One of the most common contractor myths is that having an ABN means no one has to pay super. That is not how the rules work.

For super guarantee purposes, a worker can still be treated like an employee even where the relationship is described as contracting. The key question is not just whether the person invoices or has an ABN. The key question is whether the contract is principally for that person’s labour.

The three-part SG test

The ATO’s guidance on super for independent contractors focuses on whether the contract is:

  • mainly for the worker’s labour
  • for the worker’s personal labour and skills rather than a specified result
  • required to be done by that worker personally rather than being freely delegated

If those features are present, the hirer may need to pay super guarantee contributions for that contractor.

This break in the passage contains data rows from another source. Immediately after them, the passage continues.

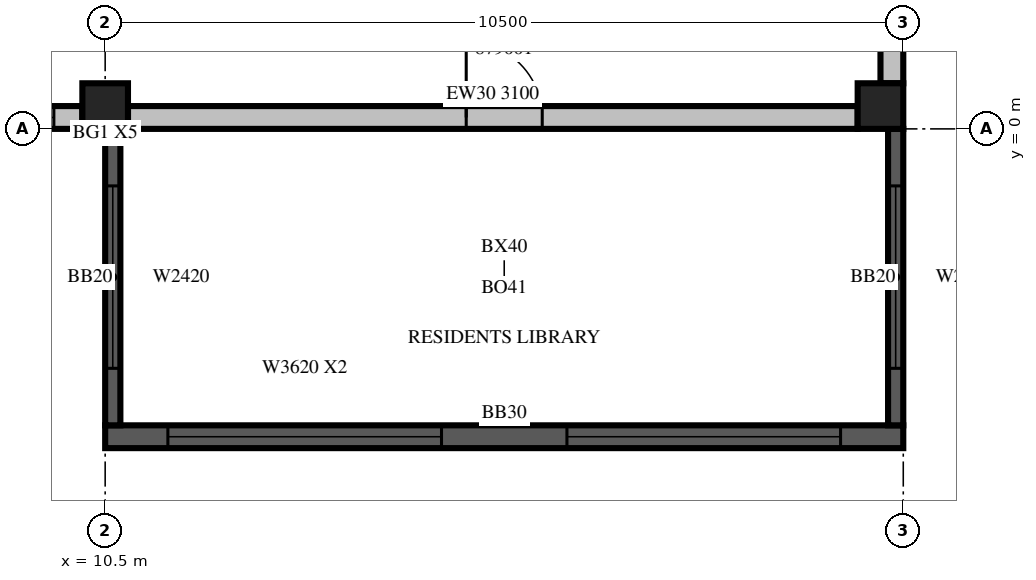
"""IFC4 building model, lengths in metres.
Left out: names, types, materials, properties, quantities, classifications, styles, units other than length and angle.
Written with IfcOpenShell. Run it as: python <this file> out.ifc"""

import sys

from ifc_helpers import new_model, si_unit, direction, frame, frame_2d, origin, origin_2d, place, context, subcontext, project, spatial, rectangle, extrude, source, transform, mapped, element, fill, save


model = new_model("IFC4")
c1 = context("Model", 3, precision=1e-05, world=origin(), true_north=direction((0.0, 1.0)))
c2 = subcontext(c1, "Body", "Model", "MODEL_VIEW")
j1 = project(units=[si_unit("LENGTHUNIT", "METRE"), si_unit("PLANEANGLEUNIT", "RADIAN")], contexts=[c1])
p1 = place(None, origin())
s1 = spatial("IfcSite", under=j1, at=p1, CompositionType="ELEMENT")
p2 = place(p1, origin())
s2 = spatial("IfcBuilding", under=s1, at=p2, CompositionType="ELEMENT")
p3 = place(p2, frame((0.0, 0.0, 337.0)))
s3 = spatial("IfcBuildingStorey", under=s2, at=p3, CompositionType="ELEMENT", Elevation=337.0)
m1 = source(origin(), c2, "Body", "SweptSolid", [
    extrude(rectangle(XDim=0.6, YDim=0.6, at=origin_2d()), origin(), (0.0, 0.0, 1.0), 3.5),
])
for number, where, z_axis, x_axis in (
    (1, (10.5, 0.3, 0.0), (0.0, 0.0, 1.0), (1.0, 0.0, 0.0)),
    (2, (20.7, 0.3, 0.0), (0.0, 0.0, 1.0), (1.0, 0.0, 0.0)),
):
    element("IfcColumn", number, at=place(p3, frame(where, z_axis=z_axis, x_axis=x_axis)), inside=s3, PredefinedType="COLUMN", context=c2, shape_type="MappedRepresentation", body=[
        mapped(m1, transform((0.0, 0.0, 0.0), scale=1.0)),
    ])
p4 = place(p3, frame((10.5, -4.05, 0.0), z_axis=(0.0, 0.0, 1.0), x_axis=(1.0, 0.0, 0.0)))
e3 = element("IfcWall", 3, at=p4, inside=s3, PredefinedType="SOLIDWALL", context=c2, shape_type="SweptSolid", body=[
    extrude(rectangle(XDim=10.5, YDim=0.3, at=frame_2d((5.25, 0.0))), origin(), (0.0, 0.0, 1.0), 3.1),
])
m2 = source(origin(), c2, "Body", "SweptSolid", [
    extrude(rectangle(XDim=3.6, YDim=2.0, at=frame_2d((1.8, 1.0))), frame((0.0, 0.16, 0.0), z_axis=(0.0, -1.0, 0.0), x_axis=(1.0, 0.0, 0.0)), (0.0, 0.0, 1.0), 0.32),
])
p5 = place(p4, frame((0.825, 0.0, 0.6)))
e4 = element("IfcOpeningElement", 4, at=p5, cuts=e3, PredefinedType="OPENING", context=c2, shape_type="MappedRepresentation", body=[
    mapped(m2, transform((0.0, 0.0, 0.0), scale=1.0)),
])
p6 = place(p4, frame((6.075, 0.0, 0.6)))
e5 = element("IfcOpeningElement", 5, at=p6, cuts=e3, PredefinedType="OPENING", context=c2, shape_type="MappedRepresentation", body=[
    mapped(m2, transform((0.0, 0.0, 0.0), scale=1.0)),
])
m3 = source(origin(), c2, "Body", "SweptSolid", [
    extrude(rectangle(XDim=3.9, YDim=0.2, at=frame_2d((1.95, 0.0))), origin(), (0.0, 0.0, 1.0), 3.1),
])
p7 = place(p3, frame((10.6, 0.0, 0.0), z_axis=(0.0, 0.0, 1.0), x_axis=(0.0, -1.0, 0.0)))
e6 = element("IfcWall", 6, at=p7, inside=s3, PredefinedType="SOLIDWALL", context=c2, shape_type="MappedRepresentation", body=[
    mapped(m3, transform((0.0, 0.0, 0.0), scale=1.0)),
])
m4 = source(origin(), c2, "Body", "SweptSolid", [
    extrude(rectangle(XDim=2.4, YDim=2.0, at=frame_2d((1.2, 1.0))), frame((0.0, 0.11, 0.0), z_axis=(0.0, -1.0, 0.0), x_axis=(1.0, 0.0, 0.0)), (0.0, 0.0, 1.0), 0.22),
])
p8 = place(p7, frame((0.75, 0.0, 0.6)))
e7 = element("IfcOpeningElement", 7, at=p8, cuts=e6, PredefinedType="OPENING", context=c2, shape_type="MappedRepresentation", body=[
    mapped(m4, transform((0.0, 0.0, 0.0), scale=1.0)),
])
p9 = place(p3, frame((20.9, 0.0, 0.0), z_axis=(0.0, 0.0, 1.0), x_axis=(0.0, -1.0, 0.0)))
e8 = element("IfcWall", 8, at=p9, inside=s3, PredefinedType="SOLIDWALL", context=c2, shape_type="MappedRepresentation", body=[
    mapped(m3, transform((0.0, 0.0, 0.0), scale=1.0)),
])
p10 = place(p9, frame((0.75, 0.0, 0.6)))
e9 = element("IfcOpeningElement", 9, at=p10, cuts=e8, PredefinedType="OPENING", context=c2, shape_type="MappedRepresentation", body=[
    mapped(m4, transform((0.0, 0.0, 0.0), scale=1.0)),
])
m5 = source(origin(), c2, "Body", "SweptSolid", [
    extrude(rectangle(XDim=6.0, YDim=0.3, at=frame_2d((3.0, 0.0))), origin(), (0.0, 0.0, 1.0), 3.1),
])
p11 = place(p3, frame((4.2, 0.15, 0.0), z_axis=(0.0, 0.0, 1.0), x_axis=(1.0, 0.0, 0.0)))
e10 = element("IfcWall", 10, at=p11, inside=s3, PredefinedType="STANDARD", context=c2, shape_type="MappedRepresentation", body=[
    mapped(m5, transform((0.0, 0.0, 0.0), scale=1.0)),
])
m6 = source(origin(), c2, "Body", "SweptSolid", [
    extrude(rectangle(XDim=1.8, YDim=2.0, at=frame_2d((0.9, 1.0))), frame((0.0, 0.16, 0.0), z_axis=(0.0, -1.0, 0.0), x_axis=(1.0, 0.0, 0.0)), (0.0, 0.0, 1.0), 0.32),
])
p12 = place(p11, frame((0.675, 0.0, 0.6)))
e11 = element("IfcOpeningElement", 11, at=p12, cuts=e10, PredefinedType="OPENING", context=c2, shape_type="MappedRepresentation", body=[
    mapped(m6, transform((0.0, 0.0, 0.0), scale=1.0)),
])
p13 = place(p11, frame((3.825, 0.0, 0.6)))
e12 = element("IfcOpeningElement", 12, at=p13, cuts=e10, PredefinedType="OPENING", context=c2, shape_type="MappedRepresentation", body=[
    mapped(m6, transform((0.0, 0.0, 0.0), scale=1.0)),
])
m7 = source(origin(), c2, "Body", "SweptSolid", [
    extrude(rectangle(XDim=9.6, YDim=0.3, at=frame_2d((4.8, 0.0))), origin(), (0.0, 0.0, 1.0), 3.1),
])
p14 = place(p3, frame((10.8, 0.15, 0.0), z_axis=(0.0, 0.0, 1.0), x_axis=(1.0, 0.0, 0.0)))
e13 = element("IfcWall", 13, at=p14, inside=s3, PredefinedType="STANDARD", context=c2, shape_type="MappedRepresentation", body=[
    mapped(m7, transform((0.0, 0.0, 0.0), scale=1.0)),
])
m8 = source(origin(), c2, "Body", "SweptSolid", [
    extrude(rectangle(XDim=1.0, YDim=2.1, at=frame_2d((0.5, 1.05))), frame((0.0, 0.16, 0.0), z_axis=(0.0, -1.0, 0.0), x_axis=(1.0, 0.0, 0.0)), (0.0, 0.0, 1.0), 0.32),
])
p15 = place(p14, frame((4.45, 0.0, 0.0)))
e14 = element("IfcOpeningElement", 14, at=p15, cuts=e13, PredefinedType="OPENING", context=c2, shape_type="MappedRepresentation", body=[
    mapped(m8, transform((0.0, 0.0, 0.0), scale=1.0)),
])
m9 = source(origin(), c2, "Body", "SweptSolid", [
    extrude(rectangle(XDim=3.0, YDim=0.3, at=frame_2d((1.5, 0.0))), origin(), (0.0, 0.0, 1.0), 3.1),
])
p16 = place(p3, frame((20.85, 0.6, 0.0), z_axis=(0.0, 0.0, 1.0), x_axis=(0.0, 1.0, 0.0)))
e15 = element("IfcWall", 15, at=p16, inside=s3, PredefinedType="STANDARD", context=c2, shape_type="MappedRepresentation", body=[
    mapped(m9, transform((0.0, 0.0, 0.0), scale=1.0)),
])
m10 = source(origin(), c2, "Body", "SweptSolid", [
    extrude(rectangle(XDim=1.2, YDim=2.0, at=frame_2d((0.6, 1.0))), frame((0.0, 0.16, 0.0), z_axis=(0.0, -1.0, 0.0), x_axis=(1.0, 0.0, 0.0)), (0.0, 0.0, 1.0), 0.32),
])
p17 = place(p16, frame((1.425, 0.0, 0.6)))
e16 = element("IfcOpeningElement", 16, at=p17, cuts=e15, PredefinedType="OPENING", context=c2, shape_type="MappedRepresentation", body=[
    mapped(m10, transform((0.0, 0.0, 0.0), scale=1.0)),
])
m11 = source(origin(), c2, "Body", "SweptSolid", [
    extrude(rectangle(XDim=3.6, YDim=2.0, at=frame_2d((1.8, 1.0))), frame((0.0, 0.03, 0.0), z_axis=(0.0, -1.0, 0.0), x_axis=(1.0, 0.0, 0.0)), (0.0, 0.0, 1.0), 0.06),
])
p18 = place(p5, origin())
e17 = element("IfcWindow", 17, at=p18, inside=s3, PartitioningType="SINGLE_PANEL", PredefinedType="WINDOW", context=c2, shape_type="MappedRepresentation", body=[
    mapped(m11, transform((0.0, 0.0, 0.0), scale=1.0)),
])
fill(e4, e17)
p19 = place(p6, origin())
e18 = element("IfcWindow", 18, at=p19, inside=s3, PartitioningType="SINGLE_PANEL", PredefinedType="WINDOW", context=c2, shape_type="MappedRepresentation", body=[
    mapped(m11, transform((0.0, 0.0, 0.0), scale=1.0)),
])
fill(e5, e18)
m12 = source(origin(), c2, "Body", "SweptSolid", [
    extrude(rectangle(XDim=2.4, YDim=2.0, at=frame_2d((1.2, 1.0))), frame((0.0, 0.03, 0.0), z_axis=(0.0, -1.0, 0.0), x_axis=(1.0, 0.0, 0.0)), (0.0, 0.0, 1.0), 0.06),
])
p20 = place(p8, origin())
e19 = element("IfcWindow", 19, at=p20, inside=s3, PartitioningType="SINGLE_PANEL", PredefinedType="WINDOW", context=c2, shape_type="MappedRepresentation", body=[
    mapped(m12, transform((0.0, 0.0, 0.0), scale=1.0)),
])
fill(e7, e19)
p21 = place(p10, origin())
e20 = element("IfcWindow", 20, at=p21, inside=s3, PartitioningType="SINGLE_PANEL", PredefinedType="WINDOW", context=c2, shape_type="MappedRepresentation", body=[
    mapped(m12, transform((0.0, 0.0, 0.0), scale=1.0)),
])
fill(e9, e20)
m13 = source(origin(), c2, "Body", "SweptSolid", [
    extrude(rectangle(XDim=1.8, YDim=2.0, at=frame_2d((0.9, 1.0))), frame((0.0, 0.03, 0.0), z_axis=(0.0, -1.0, 0.0), x_axis=(1.0, 0.0, 0.0)), (0.0, 0.0, 1.0), 0.06),
])
p22 = place(p13, origin())
e21 = element("IfcWindow", 21, at=p22, inside=s3, PartitioningType="SINGLE_PANEL", PredefinedType="WINDOW", context=c2, shape_type="MappedRepresentation", body=[
    mapped(m13, transform((0.0, 0.0, 0.0), scale=1.0)),
])
fill(e12, e21)
m14 = source(origin(), c2, "Body", "SweptSolid", [
    extrude(rectangle(XDim=1.0, YDim=2.1, at=frame_2d((0.5, 1.05))), frame((0.0, 0.025, 0.0), z_axis=(0.0, -1.0, 0.0), x_axis=(1.0, 0.0, 0.0)), (0.0, 0.0, 1.0), 0.05),
])
p23 = place(p15, origin())
e22 = element("IfcDoor", 22, at=p23, inside=s3, OperationType="SINGLE_SWING_LEFT", PredefinedType="DOOR", context=c2, shape_type="MappedRepresentation", body=[
    mapped(m14, transform((0.0, 0.0, 0.0), scale=1.0)),
])
fill(e14, e22)
save(model, sys.argv[1])
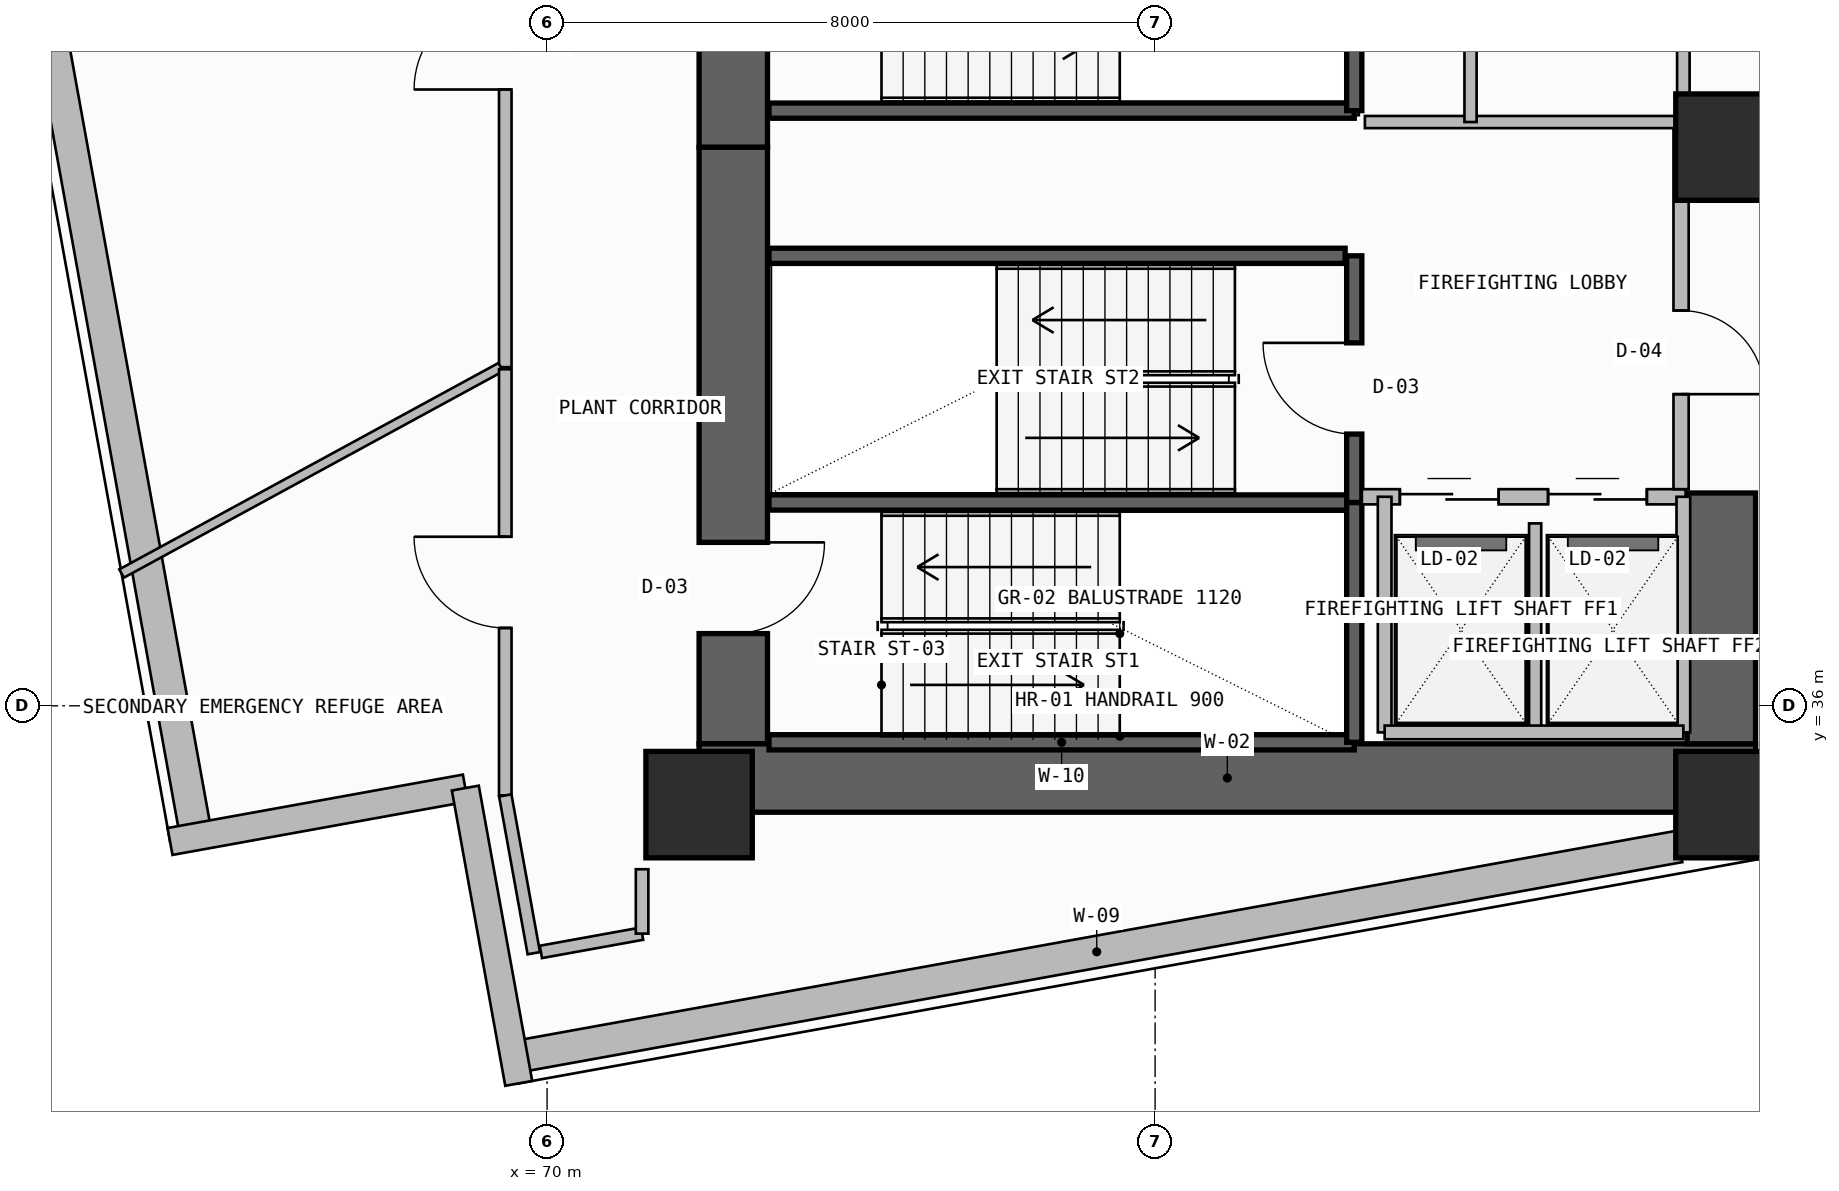
"""IFC4 building model, lengths in metres.
Left out: names, types, materials, properties, quantities, classifications, styles, units other than length and angle.
Written with IfcOpenShell. Run it as: python <this file> out.ifc"""

import sys

from ifc_helpers import new_model, si_unit, direction, frame, frame_2d, origin, origin_2d, place, context, subcontext, project, spatial, rectangle, extrude, element, fill, save


model = new_model("IFC4")
c1 = context("Model", 3, precision=1e-05, world=origin(), true_north=direction((0.0, 1.0)))
c2 = subcontext(c1, "Body", "Model", "MODEL_VIEW")
j1 = project(units=[si_unit("LENGTHUNIT", "METRE"), si_unit("PLANEANGLEUNIT", "RADIAN")], contexts=[c1])
p1 = place(None, origin())
s1 = spatial("IfcSite", under=j1, at=p1, CompositionType="ELEMENT")
p2 = place(p1, origin())
s2 = spatial("IfcBuilding", under=s1, at=p2, CompositionType="ELEMENT")
p3 = place(p2, frame((0.0, 0.0, 128.1)))
s3 = spatial("IfcBuildingStorey", under=s2, at=p3, CompositionType="ELEMENT", Elevation=128.1)
p4 = place(p3, frame((72.45, 35.5, -0.5), z_axis=(0.0, 0.0, 1.0), x_axis=(0.0, 1.0, 0.0)))
e1 = element("IfcWall", 1, at=p4, inside=s3, PredefinedType="SHEAR", context=c2, shape_type="SweptSolid", body=[
    extrude(rectangle(XDim=7.85, YDim=0.9, at=frame_2d((3.925, 0.0))), origin(), (0.0, 0.0, 1.0), 4.3),
])
p5 = place(p4, frame((1.45, 0.0, 0.5)))
e2 = element("IfcOpeningElement", 2, at=p5, cuts=e1, PredefinedType="OPENING", context=c2, shape_type="SweptSolid", body=[
    extrude(rectangle(XDim=1.2, YDim=2.2, at=frame_2d((0.6, 1.1))), frame((0.0, 0.46, 0.0), z_axis=(0.0, -1.0, 0.0), x_axis=(1.0, 0.0, 0.0)), (0.0, 0.0, 1.0), 0.92),
])
p6 = place(p3, frame((72.0, 35.05, -0.5), z_axis=(0.0, 0.0, 1.0), x_axis=(1.0, 0.0, 0.0)))
e3 = element("IfcWall", 3, at=p6, inside=s3, PredefinedType="SHEAR", context=c2, shape_type="SweptSolid", body=[
    extrude(rectangle(XDim=13.9, YDim=0.9, at=frame_2d((6.95, 0.0))), origin(), (0.0, 0.0, 1.0), 4.3),
])
p7 = place(p3, frame((85.45, 35.5, -0.5), z_axis=(0.0, 0.0, 1.0), x_axis=(0.0, 1.0, 0.0)))
e4 = element("IfcWall", 4, at=p7, inside=s3, PredefinedType="SHEAR", context=c2, shape_type="SweptSolid", body=[
    extrude(rectangle(XDim=3.3, YDim=0.9, at=frame_2d((1.65, 0.0))), origin(), (0.0, 0.0, 1.0), 4.3),
])
p8 = place(p3, frame((72.45, 43.35, -0.5), z_axis=(0.0, 0.0, 1.0), x_axis=(0.0, 1.0, 0.0)))
e5 = element("IfcWall", 5, at=p8, inside=s3, PredefinedType="SHEAR", context=c2, shape_type="SweptSolid", body=[
    extrude(rectangle(XDim=12.7, YDim=0.9, at=frame_2d((6.35, 0.0))), origin(), (0.0, 0.0, 1.0), 4.3),
])
p9 = place(p8, frame((1.35, 0.0, 0.5)))
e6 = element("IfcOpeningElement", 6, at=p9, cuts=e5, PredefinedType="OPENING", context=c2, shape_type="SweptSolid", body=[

Why this matters for ABN vs PAYG decisions

A lot of “contractor vs employee” comparisons assume:

  • the contractor handles all their own tax
  • the contractor gets no super
  • the employee gets compulsory employer super

That comparison can be directionally useful, but it can also be incomplete.

In some real-world arrangements, the worker is:

  • not an employee for ordinary payroll purposes
  • but still an employee for SG purposes

That changes the real after-tax comparison because super may still need to be funded by the hirer.

What definitely does not decide the issue by itself

On its own, none of these facts is enough:

  • the worker has an ABN
  • the worker sends invoices
  • the contract calls them a contractor
  • contractor arrangements are common in the industry

Those details may exist in a genuine contractor relationship, but they do not override the underlying legal and tax obligations.

What hirers should check

If you engage a contractor, the minimum practical review is:

  1. Is the contract mainly paying for labour rather than materials or a completed result?
  2. Does the person have to do the work personally?
  3. Is the worker effectively selling their time and skills rather than a distinct business output?

If the answer trends toward “yes”, the SG issue needs checking before you assume no super is payable.

What contractors should check

If you are the worker, do not assume “I have an ABN” settles the issue.

Check whether:

  • the hirer may still owe super under the SG rules
  • the quoted rate already assumes no super
  • your comparison between ABN and PAYG is understating the real value of the employee-style option

This is especially important in labour-heavy service work where the contract is really about your time, not equipment or a deliverable that can be delegated.

Key takeaways

  • An ABN does not automatically remove super obligations.
  • A contractor can still be treated as an employee for super guarantee purposes if the contract is principally for labour.
  • If you are comparing contractor and employee pay, check the SG issue first or the comparison can be misleading.